Integrado na corrente literária designada internacionalmente por young adult fiction, o romance de Pedro Foyos prossegue a linha pioneiramente desbravada, após o 25 de Abril de 1974, por Alice Vieira, Ilse Losa, Luísa Dacosta, Maria Alberta Menéres, António Torrado, Luísa Ducla Soares, José Jorge Letria, João Aguiar, António Mota, Ana Saldanha, Álvaro Magalhães, Maria do Rosário Pedreira e Maria Teresa Maya Gonzalez, Conceição Coelho, Isabel Alçada e Ana Maria Magalhães (e muitos, muitos outros) de actualização do romance juvenil em Portugal, que, indubitavelmente, pelo serviço público de leitura e pelo número de vendas, tem atravessado uma autêntica fase de ouro.
Face à literatura juvenil clássica (Swift, H.C. Anderson, Stevenson, Júlio Verne, E. Salgari, M. Twain, Enid Blyron, Ana de Castro Osório, Ricardo Alberty, Simões Mueller...), o conteúdo das histórias pertinentes à nova literatura juvenil portuguesa tem operado três substituições:
a) abandonou a componente moralista e/ou religiosa enformadora de muitos textos clássicos, não raro expressão de preconceitos sociais coevos, fortemente aculturadores da mente das crianças, substituindo-a por uma visão ecolágica, socialmente relativista e etnicamente multicultural das relações sociais, deixando entrar nos textos o novo Portugal democrático e europeu, tolerante e lusófono;
b) abandonou o tema da evidenciação ostensiva dos aleijões sociais ( o órfão, a criança enjeitada, analfabeta e miserável; os bairros de barracas...), substituindo-o pela vida diária de uma criança pequeno-burguesa dos subúrbios ou de classe média urbana (o público leitor privilegiado), tecnologicamente activa, cientificamente informada e individualmente carregada de iniciativa;
c) substitui as antigas histórias mitológicas célticas e greco-romanas, dotadas de um estendal de seres mágicos (sereias, silvos, nereidas, grifos, unicórnios, fadas, gigantes denignos, anões malignos, bruxas velhas de narigueta e verruga...), por um universo fantástico novo fundado na ciência e na tecnologia, unindo estas aos antigos processos mentais míticos e mágicos, como a saga de Harry Potter o prova abundantemente. Uma característica, no entanto, permanece idêntica entre a literatura juvenil clássica e a actual - no fim da aventura, o herói e o leitor são invariavelmente recompensados pelo regresso (mais ou menos triunfante) à ordem benigna interrompida pela irrupção do mal.

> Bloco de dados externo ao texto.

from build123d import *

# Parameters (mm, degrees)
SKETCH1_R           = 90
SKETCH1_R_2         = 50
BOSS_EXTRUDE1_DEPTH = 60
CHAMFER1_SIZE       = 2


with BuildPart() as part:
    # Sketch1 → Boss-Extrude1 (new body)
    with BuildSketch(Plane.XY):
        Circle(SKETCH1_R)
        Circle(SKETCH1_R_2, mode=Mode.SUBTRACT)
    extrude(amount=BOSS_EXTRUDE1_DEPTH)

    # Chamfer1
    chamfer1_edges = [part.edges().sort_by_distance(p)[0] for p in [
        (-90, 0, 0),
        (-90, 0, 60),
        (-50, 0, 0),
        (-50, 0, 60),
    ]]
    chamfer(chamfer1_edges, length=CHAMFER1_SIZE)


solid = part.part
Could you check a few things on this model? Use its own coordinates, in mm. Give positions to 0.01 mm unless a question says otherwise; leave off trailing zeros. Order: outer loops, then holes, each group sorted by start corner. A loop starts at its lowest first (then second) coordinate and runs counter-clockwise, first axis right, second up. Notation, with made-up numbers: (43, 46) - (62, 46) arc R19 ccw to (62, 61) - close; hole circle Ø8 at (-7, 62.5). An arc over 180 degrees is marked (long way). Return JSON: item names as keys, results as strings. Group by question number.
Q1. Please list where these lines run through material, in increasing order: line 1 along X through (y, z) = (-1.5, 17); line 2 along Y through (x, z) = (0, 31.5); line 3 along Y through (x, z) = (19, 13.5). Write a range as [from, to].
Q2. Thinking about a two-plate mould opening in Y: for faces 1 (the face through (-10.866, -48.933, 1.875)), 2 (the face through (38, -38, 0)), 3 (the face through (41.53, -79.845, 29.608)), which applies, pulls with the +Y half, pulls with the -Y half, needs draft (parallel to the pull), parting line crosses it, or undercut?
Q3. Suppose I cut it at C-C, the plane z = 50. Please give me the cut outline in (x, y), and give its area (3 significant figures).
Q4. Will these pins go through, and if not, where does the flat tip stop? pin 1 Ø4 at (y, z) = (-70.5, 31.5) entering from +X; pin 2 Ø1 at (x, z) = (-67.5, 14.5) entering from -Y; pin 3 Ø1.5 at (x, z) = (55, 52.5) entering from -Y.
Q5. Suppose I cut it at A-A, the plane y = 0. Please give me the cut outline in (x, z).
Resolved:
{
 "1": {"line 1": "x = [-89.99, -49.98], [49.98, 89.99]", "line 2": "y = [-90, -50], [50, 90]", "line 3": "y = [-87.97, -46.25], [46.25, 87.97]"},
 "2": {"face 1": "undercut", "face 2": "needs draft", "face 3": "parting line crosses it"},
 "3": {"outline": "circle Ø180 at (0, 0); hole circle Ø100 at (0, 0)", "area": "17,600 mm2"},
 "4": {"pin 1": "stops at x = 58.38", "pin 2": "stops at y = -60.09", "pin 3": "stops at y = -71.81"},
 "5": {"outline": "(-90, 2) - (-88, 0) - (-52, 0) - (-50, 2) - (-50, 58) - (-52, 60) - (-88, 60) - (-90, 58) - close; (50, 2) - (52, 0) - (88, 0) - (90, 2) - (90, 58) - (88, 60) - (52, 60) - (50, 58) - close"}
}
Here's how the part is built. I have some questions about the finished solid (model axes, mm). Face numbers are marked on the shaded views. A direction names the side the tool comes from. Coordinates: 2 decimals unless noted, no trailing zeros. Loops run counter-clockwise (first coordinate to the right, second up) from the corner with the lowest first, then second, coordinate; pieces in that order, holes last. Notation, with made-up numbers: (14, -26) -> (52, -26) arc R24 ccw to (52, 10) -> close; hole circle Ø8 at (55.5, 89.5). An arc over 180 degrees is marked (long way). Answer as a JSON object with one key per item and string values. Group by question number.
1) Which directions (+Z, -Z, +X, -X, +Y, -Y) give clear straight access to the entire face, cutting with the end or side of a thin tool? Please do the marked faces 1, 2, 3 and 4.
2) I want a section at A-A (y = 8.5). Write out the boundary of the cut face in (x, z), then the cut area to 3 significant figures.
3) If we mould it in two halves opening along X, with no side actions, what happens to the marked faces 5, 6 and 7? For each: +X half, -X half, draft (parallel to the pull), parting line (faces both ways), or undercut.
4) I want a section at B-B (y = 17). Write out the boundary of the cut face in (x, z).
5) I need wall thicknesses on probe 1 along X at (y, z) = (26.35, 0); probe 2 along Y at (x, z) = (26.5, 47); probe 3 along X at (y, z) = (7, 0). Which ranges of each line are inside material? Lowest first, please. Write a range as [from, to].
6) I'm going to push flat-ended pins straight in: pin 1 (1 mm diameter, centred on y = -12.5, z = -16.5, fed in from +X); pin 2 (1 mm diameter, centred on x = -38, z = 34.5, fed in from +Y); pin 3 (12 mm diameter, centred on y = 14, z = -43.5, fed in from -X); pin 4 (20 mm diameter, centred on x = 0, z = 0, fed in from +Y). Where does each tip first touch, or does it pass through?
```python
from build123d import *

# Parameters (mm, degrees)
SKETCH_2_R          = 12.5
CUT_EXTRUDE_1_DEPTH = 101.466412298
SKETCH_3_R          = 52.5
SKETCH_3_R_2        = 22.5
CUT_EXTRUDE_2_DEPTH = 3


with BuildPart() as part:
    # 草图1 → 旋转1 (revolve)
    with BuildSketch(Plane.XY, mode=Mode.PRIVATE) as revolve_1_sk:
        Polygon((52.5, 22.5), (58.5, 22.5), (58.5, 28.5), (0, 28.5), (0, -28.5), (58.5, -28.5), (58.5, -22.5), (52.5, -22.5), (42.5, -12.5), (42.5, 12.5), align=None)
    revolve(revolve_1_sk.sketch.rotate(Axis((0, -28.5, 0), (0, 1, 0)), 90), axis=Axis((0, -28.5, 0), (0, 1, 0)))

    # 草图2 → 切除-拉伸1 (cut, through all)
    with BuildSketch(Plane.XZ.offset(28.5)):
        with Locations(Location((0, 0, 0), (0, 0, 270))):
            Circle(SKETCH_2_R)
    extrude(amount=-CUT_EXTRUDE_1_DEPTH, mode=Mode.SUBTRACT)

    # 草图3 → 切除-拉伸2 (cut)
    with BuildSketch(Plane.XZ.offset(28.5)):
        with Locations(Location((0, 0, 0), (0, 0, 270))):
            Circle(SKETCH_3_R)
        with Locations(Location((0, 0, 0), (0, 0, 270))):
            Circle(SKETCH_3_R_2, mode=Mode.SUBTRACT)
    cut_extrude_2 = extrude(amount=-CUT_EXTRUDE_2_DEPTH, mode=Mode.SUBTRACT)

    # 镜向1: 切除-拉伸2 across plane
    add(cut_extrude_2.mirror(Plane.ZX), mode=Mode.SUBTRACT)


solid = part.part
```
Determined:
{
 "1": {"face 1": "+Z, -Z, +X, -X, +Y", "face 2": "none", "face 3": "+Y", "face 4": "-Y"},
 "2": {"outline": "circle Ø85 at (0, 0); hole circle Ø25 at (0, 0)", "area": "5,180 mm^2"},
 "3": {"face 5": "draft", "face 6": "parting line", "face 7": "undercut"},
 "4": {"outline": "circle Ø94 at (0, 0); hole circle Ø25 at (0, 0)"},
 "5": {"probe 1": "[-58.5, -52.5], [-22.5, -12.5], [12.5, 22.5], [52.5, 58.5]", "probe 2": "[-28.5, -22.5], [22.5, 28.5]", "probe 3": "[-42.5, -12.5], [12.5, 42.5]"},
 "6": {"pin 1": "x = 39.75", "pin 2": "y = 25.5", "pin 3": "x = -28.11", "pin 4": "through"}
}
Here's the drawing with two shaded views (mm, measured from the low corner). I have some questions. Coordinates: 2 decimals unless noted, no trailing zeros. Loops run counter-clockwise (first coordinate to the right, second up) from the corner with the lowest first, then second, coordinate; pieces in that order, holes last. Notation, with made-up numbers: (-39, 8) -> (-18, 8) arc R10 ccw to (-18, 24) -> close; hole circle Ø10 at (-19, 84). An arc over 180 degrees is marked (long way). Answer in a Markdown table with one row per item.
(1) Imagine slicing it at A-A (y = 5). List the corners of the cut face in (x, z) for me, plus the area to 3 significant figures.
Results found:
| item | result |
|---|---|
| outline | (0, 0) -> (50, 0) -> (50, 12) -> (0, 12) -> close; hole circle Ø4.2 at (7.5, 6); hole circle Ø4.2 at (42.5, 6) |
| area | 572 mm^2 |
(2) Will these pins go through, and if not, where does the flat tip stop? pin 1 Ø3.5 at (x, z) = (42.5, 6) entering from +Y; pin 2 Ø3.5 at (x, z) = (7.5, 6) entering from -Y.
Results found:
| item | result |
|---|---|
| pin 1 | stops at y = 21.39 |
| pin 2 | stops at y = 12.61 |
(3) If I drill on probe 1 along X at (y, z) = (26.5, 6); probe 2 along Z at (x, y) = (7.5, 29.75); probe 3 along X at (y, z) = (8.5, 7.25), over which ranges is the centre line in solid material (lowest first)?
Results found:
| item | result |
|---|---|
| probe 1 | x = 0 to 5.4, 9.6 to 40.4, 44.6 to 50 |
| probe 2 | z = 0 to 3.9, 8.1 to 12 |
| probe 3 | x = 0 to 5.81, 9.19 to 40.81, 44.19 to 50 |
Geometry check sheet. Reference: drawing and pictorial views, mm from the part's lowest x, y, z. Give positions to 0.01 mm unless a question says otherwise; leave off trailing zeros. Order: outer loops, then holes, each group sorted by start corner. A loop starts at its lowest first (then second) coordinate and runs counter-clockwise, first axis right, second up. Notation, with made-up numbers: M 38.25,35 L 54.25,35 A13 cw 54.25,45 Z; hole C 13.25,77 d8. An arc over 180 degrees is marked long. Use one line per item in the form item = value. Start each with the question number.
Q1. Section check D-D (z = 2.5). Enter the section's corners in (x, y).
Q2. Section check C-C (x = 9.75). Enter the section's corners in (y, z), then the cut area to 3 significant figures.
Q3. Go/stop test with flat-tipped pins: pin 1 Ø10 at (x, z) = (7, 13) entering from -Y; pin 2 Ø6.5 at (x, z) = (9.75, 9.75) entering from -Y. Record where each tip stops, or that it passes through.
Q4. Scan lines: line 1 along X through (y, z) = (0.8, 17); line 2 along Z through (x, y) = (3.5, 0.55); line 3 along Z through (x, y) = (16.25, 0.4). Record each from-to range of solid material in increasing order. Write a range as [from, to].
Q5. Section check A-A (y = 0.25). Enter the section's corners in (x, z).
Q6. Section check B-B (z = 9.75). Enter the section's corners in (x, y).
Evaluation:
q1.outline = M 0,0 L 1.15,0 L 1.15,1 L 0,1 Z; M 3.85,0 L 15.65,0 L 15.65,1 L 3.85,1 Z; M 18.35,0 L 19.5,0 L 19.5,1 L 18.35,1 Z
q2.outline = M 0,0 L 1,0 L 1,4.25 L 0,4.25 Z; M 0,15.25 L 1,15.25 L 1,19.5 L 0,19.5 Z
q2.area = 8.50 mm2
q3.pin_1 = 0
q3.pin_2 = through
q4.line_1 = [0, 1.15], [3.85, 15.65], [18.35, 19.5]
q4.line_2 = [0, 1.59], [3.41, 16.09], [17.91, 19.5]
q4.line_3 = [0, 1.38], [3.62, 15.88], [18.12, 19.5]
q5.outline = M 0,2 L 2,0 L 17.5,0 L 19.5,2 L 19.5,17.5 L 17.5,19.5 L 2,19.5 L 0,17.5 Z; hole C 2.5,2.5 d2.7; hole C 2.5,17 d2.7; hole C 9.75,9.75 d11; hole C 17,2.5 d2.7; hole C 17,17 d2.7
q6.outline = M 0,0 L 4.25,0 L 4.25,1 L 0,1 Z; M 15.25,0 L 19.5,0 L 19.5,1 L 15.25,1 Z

Em síntese, a literatura juvenil, clássica ou actual, alimenta-se de duas categorias - o realismo e o fantástico -, de cuja combinação nascem tanto a sua atractiva beleza quanto os seus limites. Neste sentido, literariamente falando, o século XX pode ser considerado o tempo de irrupção e independência da literatura juvenil portuguesa, para o qual muito contribuiu, sem dúvida, num outro registo, O Romance da Raposa (1929), de Aquilino Ribeiro, e as As Aventuras Maravilhosas de João Sem Medo (1963), de José Gomes Ferreira, livros absolutamente admiráveis..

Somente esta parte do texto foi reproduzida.